# Hulu + Device Streaming



## dsilvermaster (Aug 30, 2009)

I searched the forums but didn't find any current answers to this. Please forgive me if I missed it someplace....

I subscribe to Hulu + and get commercial free content when I watch through my Bolt device. However, when I watched a Hulu Plus program on my desktop computer streaming through my Bolt (Using TIVO ONLINE) from Hulu Plus I had post and pre commercials as well as commercials during the actual playback of the program. Almost as if I had a standard HULU sub.

Is this part of a licensing issue through TIVO or is there something different I need to do with my sub? 

Thanks for any feedback.


----------



## mdavej (Aug 13, 2015)

How much are you paying for your Hulu+ subscription? If you pay $8, then you get commercials online. If you pay $12 you get no commercials. I can't explain why you may be getting the commercial free version on Bolt, but I'd chalk it up to luck or a glitch. Enjoy it while it lasts.

If you are indeed paying for the commercial free version and still getting commercials, then you need to contact Hulu support to sort that out. My guess is you may have multiple accounts or logins.


----------



## 59er (Mar 27, 2008)

It's not "Hulu Plus" any longer. It's just Hulu, but there's a premium plan for "Commercial-Free" subscription ($11.99, rather than $7.99).


----------



## dsilvermaster (Aug 30, 2009)

I confirmed I do have the $11.99 sub for Hulu. Accessing from either smart TV or the TIVO Bolt gives me commercial free content. Accessing through TIVO ONLINE gives me commercials. Since it appears TIVO ONLINE isn't the culprit I will contact Hulu. 
THANKS


----------



## krkaufman (Nov 25, 2003)

dsilvermaster said:


> I confirmed I do have the $11.99 sub for Hulu. Accessing from either smart TV or the TIVO Bolt gives me commercial free content. Accessing through TIVO ONLINE gives me commercials. Since it appears TIVO ONLINE isn't the culprit I will contact Hulu.
> THANKS


If you're using TiVo Online then you're on a PC with a web browser. What happens when you just go to Hulu.com and play a video?


----------



## mdavej (Aug 13, 2015)

I didn't even know that was possible. Why wouldn't you go through Hulu.com?


----------



## krkaufman (Nov 25, 2003)

mdavej said:


> I didn't even know that was possible. Why wouldn't you go through Hulu.com?


Good question. Especially since my TiVo Online listing for South Park doesn't list even a small portion of the episodes that are available to those with a Hulu subscription.
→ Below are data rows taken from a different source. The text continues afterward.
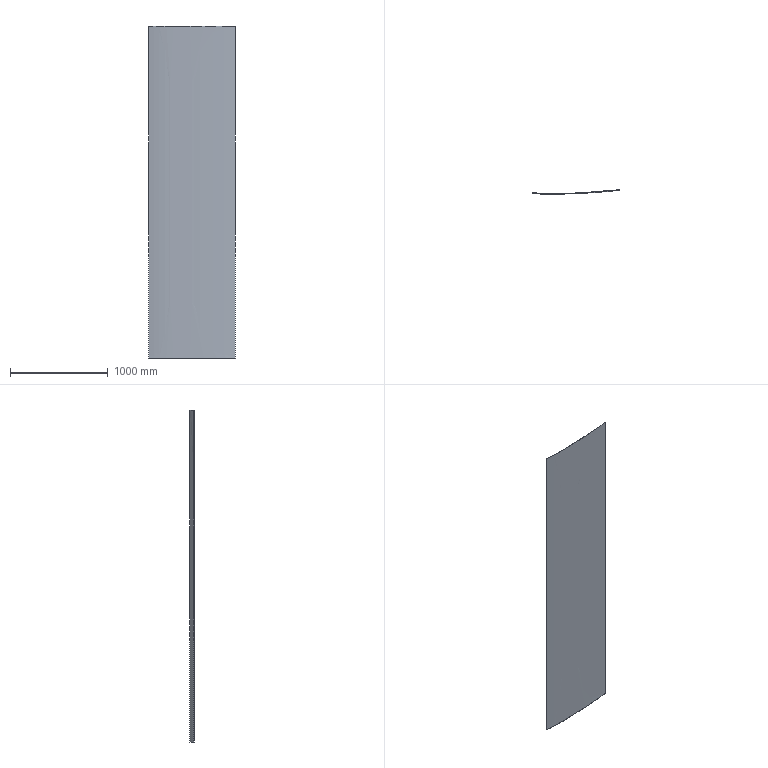Component | NX | SKIN_0_5_LOWER | 1 solid | 6 faces | box 887.13 x 42.02 x 3390 mm | volume 1497879 mm3 | plane 4 | other 2
STEP:
#1=CARTESIAN_POINT('',(0.,0.,0.));
#2=DIRECTION('',(0.,0.,1.));
#3=DIRECTION('',(1.,0.,0.));
#4=AXIS2_PLACEMENT_3D('',#1,#2,#3);
#5=CARTESIAN_POINT('',(5772.888,4104.218,-3390.));
#6=VERTEX_POINT('',#5);
#7=CARTESIAN_POINT('',(5772.824,4103.722,-3390.));
#8=VERTEX_POINT('',#7);
#9=CARTESIAN_POINT('',(5772.888,4104.218,-3390.));
#10=DIRECTION('',(-0.1274,-0.9919,0.));
#11=VECTOR('',#10,1.);
#12=LINE('',#9,#11);
#13=CARTESIAN_POINT('',(5772.888,4104.218,-0.));
#14=DIRECTION('',(0.9919,-0.1274,0.));
#15=DIRECTION('',(0.1274,0.9919,0.));
#16=AXIS2_PLACEMENT_3D('',#13,#14,#15);
#17=PLANE('',#16);
#18=CARTESIAN_POINT('',(0.,-3390.));
#19=DIRECTION('',(-1.,0.));
#20=VECTOR('',#19,1.);
#21=LINE('',#18,#20);
#22=(GEOMETRIC_REPRESENTATION_CONTEXT(2)PARAMETRIC_REPRESENTATION_CONTEXT()REPRESENTATION_CONTEXT('',''));
#23=DEFINITIONAL_REPRESENTATION('',(#21),#22);
#24=PCURVE('',#17,#23);
#25=CARTESIAN_POINT('',(6216.882,4101.421,-3390.));
#26=DIRECTION('',(0.,0.,-1.));
#27=DIRECTION('',(-1.,0.001745,0.));
#28=AXIS2_PLACEMENT_3D('',#25,#26,#27);
#29=PLANE('',#28);
#30=CARTESIAN_POINT('',(443.998,2.021));
#31=DIRECTION('',(0.1256,-0.9921));
#32=VECTOR('',#31,1.);
#33=LINE('',#30,#32);
#34=(GEOMETRIC_REPRESENTATION_CONTEXT(2)PARAMETRIC_REPRESENTATION_CONTEXT()REPRESENTATION_CONTEXT('',''));
#35=DEFINITIONAL_REPRESENTATION('',(#33),#34);
#36=PCURVE('',#29,#35);
#37=SURFACE_CURVE('',#12,(#24,#36),.PCURVE_S1.);
#38=EDGE_CURVE('',#6,#8,#37,.T.);
#39=ORIENTED_EDGE('',*,*,#38,.T.);
#40=CARTESIAN_POINT('',(5772.824,4103.722,-0.));
#41=VERTEX_POINT('',#40);
#42=CARTESIAN_POINT('',(5772.824,4103.722,-0.));
#43=DIRECTION('',(0.,0.,-1.));
#44=VECTOR('',#43,1.);
#45=LINE('',#42,#44);
#46=CARTESIAN_POINT('',(-0.5,0.));
#47=DIRECTION('',(0.,-1.));
#48=VECTOR('',#47,1.);
#49=LINE('',#46,#48);
#50=(GEOMETRIC_REPRESENTATION_CONTEXT(2)PARAMETRIC_REPRESENTATION_CONTEXT()REPRESENTATION_CONTEXT('',''));
#51=DEFINITIONAL_REPRESENTATION('',(#49),#50);
#52=PCURVE('',#17,#51);
#53=CARTESIAN_POINT('',(5772.824,4103.722,0.));
#54=CARTESIAN_POINT('',(5846.499,4094.26,0.));
#55=CARTESIAN_POINT('',(5920.588,4093.032,0.));
#56=CARTESIAN_POINT('',(6013.234,4094.576,0.));
#57=CARTESIAN_POINT('',(6031.765,4095.038,0.));
#58=CARTESIAN_POINT('',(6059.554,4095.829,0.));
#59=CARTESIAN_POINT('',(6068.816,4096.107,0.));
#60=CARTESIAN_POINT('',(6087.337,4096.677,0.));
#61=CARTESIAN_POINT('',(6133.632,4098.144,0.));
#62=CARTESIAN_POINT('',(6179.893,4099.843,0.));
#63=CARTESIAN_POINT('',(6364.839,4107.736,0.));
#64=CARTESIAN_POINT('',(6512.48,4117.559,0.));
#65=CARTESIAN_POINT('',(6659.952,4135.396,0.));
#66=B_SPLINE_CURVE_WITH_KNOTS('',3,(#53,#54,#55,#56,#57,#58,#59,#60,#61,#62,#63,#64,#65),.UNSPECIFIED.,.F.,.F.,(4,2,2,2,1,2,4),(0.,0.25,0.3125,0.3438,0.375,0.5,1.),.UNSPECIFIED.);
#67=DIRECTION('',(0.,0.,-1.));
#68=VECTOR('',#67,1.);
#69=SURFACE_OF_LINEAR_EXTRUSION('',#66,#68);
#70=CARTESIAN_POINT('',(-0.,0.));
#71=DIRECTION('',(0.,1.));
#72=VECTOR('',#71,1.);
#73=LINE('',#70,#72);
#74=(GEOMETRIC_REPRESENTATION_CONTEXT(2)PARAMETRIC_REPRESENTATION_CONTEXT()REPRESENTATION_CONTEXT('',''));
#75=DEFINITIONAL_REPRESENTATION('',(#73),#74);
#76=PCURVE('',#69,#75);
#77=SURFACE_CURVE('',#45,(#52,#76),.PCURVE_S1.);
#78=EDGE_CURVE('',#41,#8,#77,.T.);
#79=ORIENTED_EDGE('',*,*,#78,.F.);
#80=CARTESIAN_POINT('',(5772.888,4104.218,-0.));
#81=VERTEX_POINT('',#80);
#82=CARTESIAN_POINT('',(5772.888,4104.218,-0.));
#83=DIRECTION('',(-0.1274,-0.9919,0.));
#84=VECTOR('',#83,1.);
#85=LINE('',#82,#84);
#86=CARTESIAN_POINT('',(0.,0.));
#87=DIRECTION('',(-1.,0.));
#88=VECTOR('',#87,1.);
#89=LINE('',#86,#88);
#90=(GEOMETRIC_REPRESENTATION_CONTEXT(2)PARAMETRIC_REPRESENTATION_CONTEXT()REPRESENTATION_CONTEXT('',''));
#91=DEFINITIONAL_REPRESENTATION('',(#89),#90);
#92=PCURVE('',#17,#91);
#93=CARTESIAN_POINT('',(6216.882,4101.421,0.));
#94=DIRECTION('',(0.,0.,-1.));
#95=DIRECTION('',(-1.,0.001745,0.));
#96=AXIS2_PLACEMENT_3D('',#93,#94,#95);
#97=PLANE('',#96);
#98=CARTESIAN_POINT('',(443.998,2.021));
#99=DIRECTION('',(0.1256,-0.9921));
#100=VECTOR('',#99,1.);
#101=LINE('',#98,#100);
#102=(GEOMETRIC_REPRESENTATION_CONTEXT(2)PARAMETRIC_REPRESENTATION_CONTEXT()REPRESENTATION_CONTEXT('',''));
#103=DEFINITIONAL_REPRESENTATION('',(#101),#102);
#104=PCURVE('',#97,#103);
#105=SURFACE_CURVE('',#85,(#92,#104),.PCURVE_S1.);
#106=EDGE_CURVE('',#81,#41,#105,.T.);
#107=ORIENTED_EDGE('',*,*,#106,.F.);
#108=CARTESIAN_POINT('',(5772.888,4104.218,-0.));
#109=DIRECTION('',(0.,0.,-1.));
#110=VECTOR('',#109,1.);
#111=LINE('',#108,#110);
#112=CARTESIAN_POINT('',(0.,0.));
#113=DIRECTION('',(0.,-1.));
#114=VECTOR('',#113,1.);
#115=LINE('',#112,#114);
#116=(GEOMETRIC_REPRESENTATION_CONTEXT(2)PARAMETRIC_REPRESENTATION_CONTEXT()REPRESENTATION_CONTEXT('',''));
#117=DEFINITIONAL_REPRESENTATION('',(#115),#116);
#118=PCURVE('',#17,#117);
#119=CARTESIAN_POINT('',(6659.892,4135.892,-0.));
#120=CARTESIAN_POINT('',(6463.767,4112.17,-0.));
#121=CARTESIAN_POINT('',(6168.395,4097.815,-0.));
#122=CARTESIAN_POINT('',(5871.551,4091.547,-0.));
#123=CARTESIAN_POINT('',(5772.888,4104.218,-0.));
#124=B_SPLINE_CURVE_WITH_KNOTS('',3,(#119,#120,#121,#122,#123),.UNSPECIFIED.,.F.,.F.,(4,1,4),(0.,0.665,1.),.UNSPECIFIED.);
#125=DIRECTION('',(0.,0.,-1.));
#126=VECTOR('',#125,1.);
#127=SURFACE_OF_LINEAR_EXTRUSION('',#124,#126);
#128=CARTESIAN_POINT('',(1.,0.));
#129=DIRECTION('',(-0.,1.));
#130=VECTOR('',#129,1.);
#131=LINE('',#128,#130);
#132=(GEOMETRIC_REPRESENTATION_CONTEXT(2)PARAMETRIC_REPRESENTATION_CONTEXT()REPRESENTATION_CONTEXT('',''));
#133=DEFINITIONAL_REPRESENTATION('',(#131),#132);
#134=PCURVE('',#127,#133);
#135=SURFACE_CURVE('',#111,(#118,#134),.PCURVE_S1.);
#136=EDGE_CURVE('',#81,#6,#135,.T.);
#137=ORIENTED_EDGE('',*,*,#136,.T.);
#138=EDGE_LOOP('',(#39,#79,#107,#137));
#139=FACE_BOUND('',#138,.T.);
#140=ADVANCED_FACE('',(#139),#17,.F.);
#141=ORIENTED_EDGE('',*,*,#78,.F.);
#142=CARTESIAN_POINT('',(6659.952,4135.396,0.));
#143=VERTEX_POINT('',#142);
#144=CARTESIAN_POINT('',(5772.824,4103.722,0.));
#145=CARTESIAN_POINT('',(5846.499,4094.26,0.));
#146=CARTESIAN_POINT('',(5920.588,4093.032,0.));
#147=CARTESIAN_POINT('',(6013.234,4094.576,0.));
#148=CARTESIAN_POINT('',(6031.765,4095.038,0.));
#149=CARTESIAN_POINT('',(6059.554,4095.829,0.));
#150=CARTESIAN_POINT('',(6068.816,4096.107,0.));
#151=CARTESIAN_POINT('',(6087.337,4096.677,0.));
#152=CARTESIAN_POINT('',(6133.632,4098.144,0.));
#153=CARTESIAN_POINT('',(6179.893,4099.843,0.));
#154=CARTESIAN_POINT('',(6364.839,4107.736,0.));
#155=CARTESIAN_POINT('',(6512.48,4117.559,0.));
#156=CARTESIAN_POINT('',(6659.952,4135.396,0.));
#157=B_SPLINE_CURVE_WITH_KNOTS('',3,(#144,#145,#146,#147,#148,#149,#150,#151,#152,#153,#154,#155,#156),.UNSPECIFIED.,.F.,.F.,(4,2,2,2,1,2,4),(0.,0.25,0.3125,0.3438,0.375,0.5,1.),.UNSPECIFIED.);
#158=CARTESIAN_POINT('',(-0.,0.));
#159=DIRECTION('',(1.,0.));
#160=VECTOR('',#159,1.);
#161=LINE('',#158,#160);
#162=(GEOMETRIC_REPRESENTATION_CONTEXT(2)PARAMETRIC_REPRESENTATION_CONTEXT()REPRESENTATION_CONTEXT('',''));
#163=DEFINITIONAL_REPRESENTATION('',(#161),#162);
#164=PCURVE('',#69,#163);
#165=CARTESIAN_POINT('',(444.061,1.525));
#166=CARTESIAN_POINT('',(370.371,-7.808));
#167=CARTESIAN_POINT('',(296.279,-8.907));
#168=CARTESIAN_POINT('',(203.636,-7.201));
#169=CARTESIAN_POINT('',(185.106,-6.706));
#170=CARTESIAN_POINT('',(157.318,-5.867));
#171=CARTESIAN_POINT('',(148.057,-5.573));
#172=CARTESIAN_POINT('',(129.537,-4.97));
#173=CARTESIAN_POINT('',(83.244,-3.423));
#174=CARTESIAN_POINT('',(36.986,-1.643));
#175=CARTESIAN_POINT('',(-147.945,6.572));
#176=CARTESIAN_POINT('',(-295.569,16.653));
#177=CARTESIAN_POINT('',(-443.01,34.747));
#178=B_SPLINE_CURVE_WITH_KNOTS('',3,(#165,#166,#167,#168,#169,#170,#171,#172,#173,#174,#175,#176,#177),.UNSPECIFIED.,.F.,.F.,(4,2,2,2,1,2,4),(0.,0.25,0.3125,0.3438,0.375,0.5,1.),.UNSPECIFIED.);
#179=(GEOMETRIC_REPRESENTATION_CONTEXT(2)PARAMETRIC_REPRESENTATION_CONTEXT()REPRESENTATION_CONTEXT('',''));
#180=DEFINITIONAL_REPRESENTATION('',(#178),#179);
#181=PCURVE('',#97,#180);
#182=SURFACE_CURVE('',#157,(#164,#181),.PCURVE_S1.);
#183=EDGE_CURVE('',#41,#143,#182,.T.);
#184=ORIENTED_EDGE('',*,*,#183,.T.);
#185=CARTESIAN_POINT('',(6659.952,4135.396,-3390.));
#186=VERTEX_POINT('',#185);
#187=CARTESIAN_POINT('',(6659.952,4135.396,0.));
#188=DIRECTION('',(0.,0.,-1.));
#189=VECTOR('',#188,1.);
#190=LINE('',#187,#189);
#191=CARTESIAN_POINT('',(1.,0.));
#192=DIRECTION('',(0.,1.));
#193=VECTOR('',#192,1.);
#194=LINE('',#191,#193);
#195=(GEOMETRIC_REPRESENTATION_CONTEXT(2)PARAMETRIC_REPRESENTATION_CONTEXT()REPRESENTATION_CONTEXT('',''));
#196=DEFINITIONAL_REPRESENTATION('',(#194),#195);
#197=PCURVE('',#69,#196);
#198=CARTESIAN_POINT('',(6659.952,4135.396,-0.));
#199=DIRECTION('',(-0.9928,-0.1201,0.));
#200=DIRECTION('',(0.1201,-0.9928,0.));
#201=AXIS2_PLACEMENT_3D('',#198,#199,#200);
#202=PLANE('',#201);
#203=CARTESIAN_POINT('',(0.,0.));
#204=DIRECTION('',(0.,-1.));
#205=VECTOR('',#204,1.);
#206=LINE('',#203,#205);
#207=(GEOMETRIC_REPRESENTATION_CONTEXT(2)PARAMETRIC_REPRESENTATION_CONTEXT()REPRESENTATION_CONTEXT('',''));
#208=DEFINITIONAL_REPRESENTATION('',(#206),#207);
#209=PCURVE('',#202,#208);
#210=SURFACE_CURVE('',#190,(#197,#209),.PCURVE_S1.);
#211=EDGE_CURVE('',#143,#186,#210,.T.);
#212=ORIENTED_EDGE('',*,*,#211,.T.);
#213=CARTESIAN_POINT('',(5772.824,4103.722,-3390.));
#214=CARTESIAN_POINT('',(5846.499,4094.26,-3390.));
#215=CARTESIAN_POINT('',(5920.588,4093.032,-3390.));
#216=CARTESIAN_POINT('',(6013.234,4094.576,-3390.));
#217=CARTESIAN_POINT('',(6031.765,4095.038,-3390.));
#218=CARTESIAN_POINT('',(6059.554,4095.829,-3390.));
#219=CARTESIAN_POINT('',(6068.816,4096.107,-3390.));
#220=CARTESIAN_POINT('',(6087.337,4096.677,-3390.));
#221=CARTESIAN_POINT('',(6133.632,4098.144,-3390.));
#222=CARTESIAN_POINT('',(6179.893,4099.843,-3390.));
#223=CARTESIAN_POINT('',(6364.839,4107.736,-3390.));
#224=CARTESIAN_POINT('',(6512.48,4117.559,-3390.));
#225=CARTESIAN_POINT('',(6659.952,4135.396,-3390.));
#226=B_SPLINE_CURVE_WITH_KNOTS('',3,(#213,#214,#215,#216,#217,#218,#219,#220,#221,#222,#223,#224,#225),.UNSPECIFIED.,.F.,.F.,(4,2,2,2,1,2,4),(0.,0.25,0.3125,0.3438,0.375,0.5,1.),.UNSPECIFIED.);
#227=CARTESIAN_POINT('',(0.,3390.));
#228=DIRECTION('',(1.,0.));
#229=VECTOR('',#228,1.);
#230=LINE('',#227,#229);
#231=(GEOMETRIC_REPRESENTATION_CONTEXT(2)PARAMETRIC_REPRESENTATION_CONTEXT()REPRESENTATION_CONTEXT('',''));
#232=DEFINITIONAL_REPRESENTATION('',(#230),#231);
#233=PCURVE('',#69,#232);
#234=CARTESIAN_POINT('',(444.061,1.525));
#235=CARTESIAN_POINT('',(370.371,-7.808));
#236=CARTESIAN_POINT('',(296.279,-8.907));
#237=CARTESIAN_POINT('',(203.636,-7.201));
#238=CARTESIAN_POINT('',(185.106,-6.706));
#239=CARTESIAN_POINT('',(157.318,-5.867));
#240=CARTESIAN_POINT('',(148.057,-5.573));
#241=CARTESIAN_POINT('',(129.537,-4.97));
#242=CARTESIAN_POINT('',(83.244,-3.423));
#243=CARTESIAN_POINT('',(36.986,-1.643));
#244=CARTESIAN_POINT('',(-147.945,6.572));
#245=CARTESIAN_POINT('',(-295.569,16.653));
#246=CARTESIAN_POINT('',(-443.01,34.747));
#247=B_SPLINE_CURVE_WITH_KNOTS('',3,(#234,#235,#236,#237,#238,#239,#240,#241,#242,#243,#244,#245,#246),.UNSPECIFIED.,.F.,.F.,(4,2,2,2,1,2,4),(0.,0.25,0.3125,0.3438,0.375,0.5,1.),.UNSPECIFIED.);
#248=(GEOMETRIC_REPRESENTATION_CONTEXT(2)PARAMETRIC_REPRESENTATION_CONTEXT()REPRESENTATION_CONTEXT('',''));
#249=DEFINITIONAL_REPRESENTATION('',(#247),#248);
#250=PCURVE('',#29,#249);
#251=SURFACE_CURVE('',#226,(#233,#250),.PCURVE_S1.);
#252=EDGE_CURVE('',#8,#186,#251,.T.);
#253=ORIENTED_EDGE('',*,*,#252,.F.);
#254=EDGE_LOOP('',(#141,#184,#212,#253));
#255=FACE_BOUND('',#254,.F.);
#256=ADVANCED_FACE('',(#255),#69,.F.);
#257=CARTESIAN_POINT('',(6659.892,4135.892,-3390.));
#258=VERTEX_POINT('',#257);
#259=CARTESIAN_POINT('',(6659.952,4135.396,-3390.));
#260=DIRECTION('',(-0.1201,0.9928,0.));
#261=VECTOR('',#260,1.);
#262=LINE('',#259,#261);
#263=CARTESIAN_POINT('',(0.,-3390.));
#264=DIRECTION('',(-1.,0.));
#265=VECTOR('',#264,1.);
#266=LINE('',#263,#265);
#267=(GEOMETRIC_REPRESENTATION_CONTEXT(2)PARAMETRIC_REPRESENTATION_CONTEXT()REPRESENTATION_CONTEXT('',''));
#268=DEFINITIONAL_REPRESENTATION('',(#266),#267);
#269=PCURVE('',#202,#268);
#270=CARTESIAN_POINT('',(-443.01,34.747));
#271=DIRECTION('',(0.1218,0.9926));
#272=VECTOR('',#271,1.);
#273=LINE('',#270,#272);
#274=(GEOMETRIC_REPRESENTATION_CONTEXT(2)PARAMETRIC_REPRESENTATION_CONTEXT()REPRESENTATION_CONTEXT('',''));
#275=DEFINITIONAL_REPRESENTATION('',(#273),#274);
#276=PCURVE('',#29,#275);
#277=SURFACE_CURVE('',#262,(#269,#276),.PCURVE_S1.);
#278=EDGE_CURVE('',#186,#258,#277,.T.);
#279=ORIENTED_EDGE('',*,*,#278,.T.);
#280=CARTESIAN_POINT('',(6659.892,4135.892,-0.));
#281=VERTEX_POINT('',#280);
#282=CARTESIAN_POINT('',(6659.892,4135.892,-0.));
#283=DIRECTION('',(0.,0.,-1.));
#284=VECTOR('',#283,1.);
#285=LINE('',#282,#284);
#286=CARTESIAN_POINT('',(-0.5,0.));
#287=DIRECTION('',(0.,-1.));
#288=VECTOR('',#287,1.);
#289=LINE('',#286,#288);
#290=(GEOMETRIC_REPRESENTATION_CONTEXT(2)PARAMETRIC_REPRESENTATION_CONTEXT()REPRESENTATION_CONTEXT('',''));
#291=DEFINITIONAL_REPRESENTATION('',(#289),#290);
#292=PCURVE('',#202,#291);
#293=CARTESIAN_POINT('',(0.,0.));
#294=DIRECTION('',(-0.,1.));
#295=VECTOR('',#294,1.);
#296=LINE('',#293,#295);
#297=(GEOMETRIC_REPRESENTATION_CONTEXT(2)PARAMETRIC_REPRESENTATION_CONTEXT()REPRESENTATION_CONTEXT('',''));
#298=DEFINITIONAL_REPRESENTATION('',(#296),#297);
#299=PCURVE('',#127,#298);
#300=SURFACE_CURVE('',#285,(#292,#299),.PCURVE_S1.);
#301=EDGE_CURVE('',#281,#258,#300,.T.);
#302=ORIENTED_EDGE('',*,*,#301,.F.);
#303=CARTESIAN_POINT('',(6659.952,4135.396,-0.));
#304=DIRECTION('',(-0.1201,0.9928,0.));
#305=VECTOR('',#304,1.);
#306=LINE('',#303,#305);
#307=CARTESIAN_POINT('',(0.,0.));
#308=DIRECTION('',(-1.,0.));
#309=VECTOR('',#308,1.);
#310=LINE('',#307,#309);
#311=(GEOMETRIC_REPRESENTATION_CONTEXT(2)PARAMETRIC_REPRESENTATION_CONTEXT()REPRESENTATION_CONTEXT('',''));
#312=DEFINITIONAL_REPRESENTATION('',(#310),#311);
#313=PCURVE('',#202,#312);
#314=CARTESIAN_POINT('',(-443.01,34.747));
#315=DIRECTION('',(0.1218,0.9926));
#316=VECTOR('',#315,1.);
#317=LINE('',#314,#316);
#318=(GEOMETRIC_REPRESENTATION_CONTEXT(2)PARAMETRIC_REPRESENTATION_CONTEXT()REPRESENTATION_CONTEXT('',''));
#319=DEFINITIONAL_REPRESENTATION('',(#317),#318);
#320=PCURVE('',#97,#319);
#321=SURFACE_CURVE('',#306,(#313,#320),.PCURVE_S1.);
#322=EDGE_CURVE('',#143,#281,#321,.T.);
#323=ORIENTED_EDGE('',*,*,#322,.F.);
#324=ORIENTED_EDGE('',*,*,#211,.T.);
#325=EDGE_LOOP('',(#279,#302,#323,#324));
#326=FACE_BOUND('',#325,.T.);
#327=ADVANCED_FACE('',(#326),#202,.F.);
#328=ORIENTED_EDGE('',*,*,#301,.F.);
#329=CARTESIAN_POINT('',(6659.892,4135.892,-0.));
#330=CARTESIAN_POINT('',(6463.767,4112.17,-0.));
#331=CARTESIAN_POINT('',(6168.395,4097.815,-0.));
#332=CARTESIAN_POINT('',(5871.551,4091.547,-0.));
#333=CARTESIAN_POINT('',(5772.888,4104.218,-0.));
#334=B_SPLINE_CURVE_WITH_KNOTS('',3,(#329,#330,#331,#332,#333),.UNSPECIFIED.,.F.,.F.,(4,1,4),(0.,0.665,1.),.UNSPECIFIED.);
#335=CARTESIAN_POINT('',(0.,0.));
#336=DIRECTION('',(1.,0.));
#337=VECTOR('',#336,1.);
#338=LINE('',#335,#337);
#339=(GEOMETRIC_REPRESENTATION_CONTEXT(2)PARAMETRIC_REPRESENTATION_CONTEXT()REPRESENTATION_CONTEXT('',''));
#340=DEFINITIONAL_REPRESENTATION('',(#338),#339);
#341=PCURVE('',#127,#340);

This makes me wonder if TiVo Online isn't still living in the Hulu vs Hulu Plus world, affecting both the list of available titles (showing just the now obsolete "free" Hulu titles) and the method of playback (with the launch/playback URL possibly lacking the commercial-free capability).

That TiVo Online's "Watch Now" dialog labels the Hulu playback option as "Hulu Free" makes me more confident that TO's Hulu integration is out-of-date...








Or is there some place I'm not aware of where we're supposed to instruct TiVo Online that we have a Hulu subscription. (Ditto for Amazon Prime, Netflix, etc.)


----------



## mdavej (Aug 13, 2015)

dsilvermaster said:


> I confirmed I do have the $11.99 sub for Hulu. Accessing from either smart TV or the TIVO Bolt gives me commercial free content. Accessing through TIVO ONLINE gives me commercials. Since it appears TIVO ONLINE isn't the culprit I will contact Hulu.
> THANKS


Actually, would you consider NOT contacting Hulu and simply using the Hulu site instead for streaming? This "Hulu Free" loophole at Tivo Online may be under the radar for now. I'd hate for it to get closed if Hulu is made aware.

Thanks


----------



## dsilvermaster (Aug 30, 2009)

mdavej

Good point. I will just leave well enough alone on that.
I've confirmed that hulu.com does in fact give me commercial free content. Only through Tivo Online do I get what appears to be Hulu Free, even though I am using the same logon credentials. 

thank again


----------



## krkaufman (Nov 25, 2003)

dsilvermaster said:


> Good point. I will just leave well enough alone on that.
> I've confirmed that hulu.com does in fact give me commercial free content. Only through Tivo Online do I get what appears to be Hulu Free, even though I am using the same logon credentials.


I think you would also find that TiVo Online doesn't have a good understanding of what content is available through Hulu, as it appears to only present content that fits under the out-of-date "Hulu Free" umbrella. For example, 265 episodes over 20 seasons of South Park are available to Hulu subscribers, yet TiVo Online only lists about 28 episodes of South Park as available for online streaming.

And ANOTHER good reason to watch directly through Hulu... Hulu allows you to watch a video through a completely resize-able pop-up window, whereas TiVo Online appears to only display the video as a fixed size overlayed in your existing browser window and doesn't adjust focus if you resize the window (i.e. you then have to scroll the window content to re-center the video). Better than nothing, but ugh.

p.s. It seems to me like TiVo Online needs a feature similar to 'My Video Providers' on the TiVos that instruct TiVo Online as to which online streaming sources it should consider when displaying available content. If I don't subscribe to Hulu or cable TV, don't display Hulu or any TV Everywhere service under the Watch Online tab.


----------



## JayMan747 (Nov 10, 2008)

Is it possible to view any of the Showtime/Starz programming subscribed through Hulu on Tivo?
From what I've read, this did not work on when it came out, but curious if working now -if the Hulu app was updated.

Thanks,


----------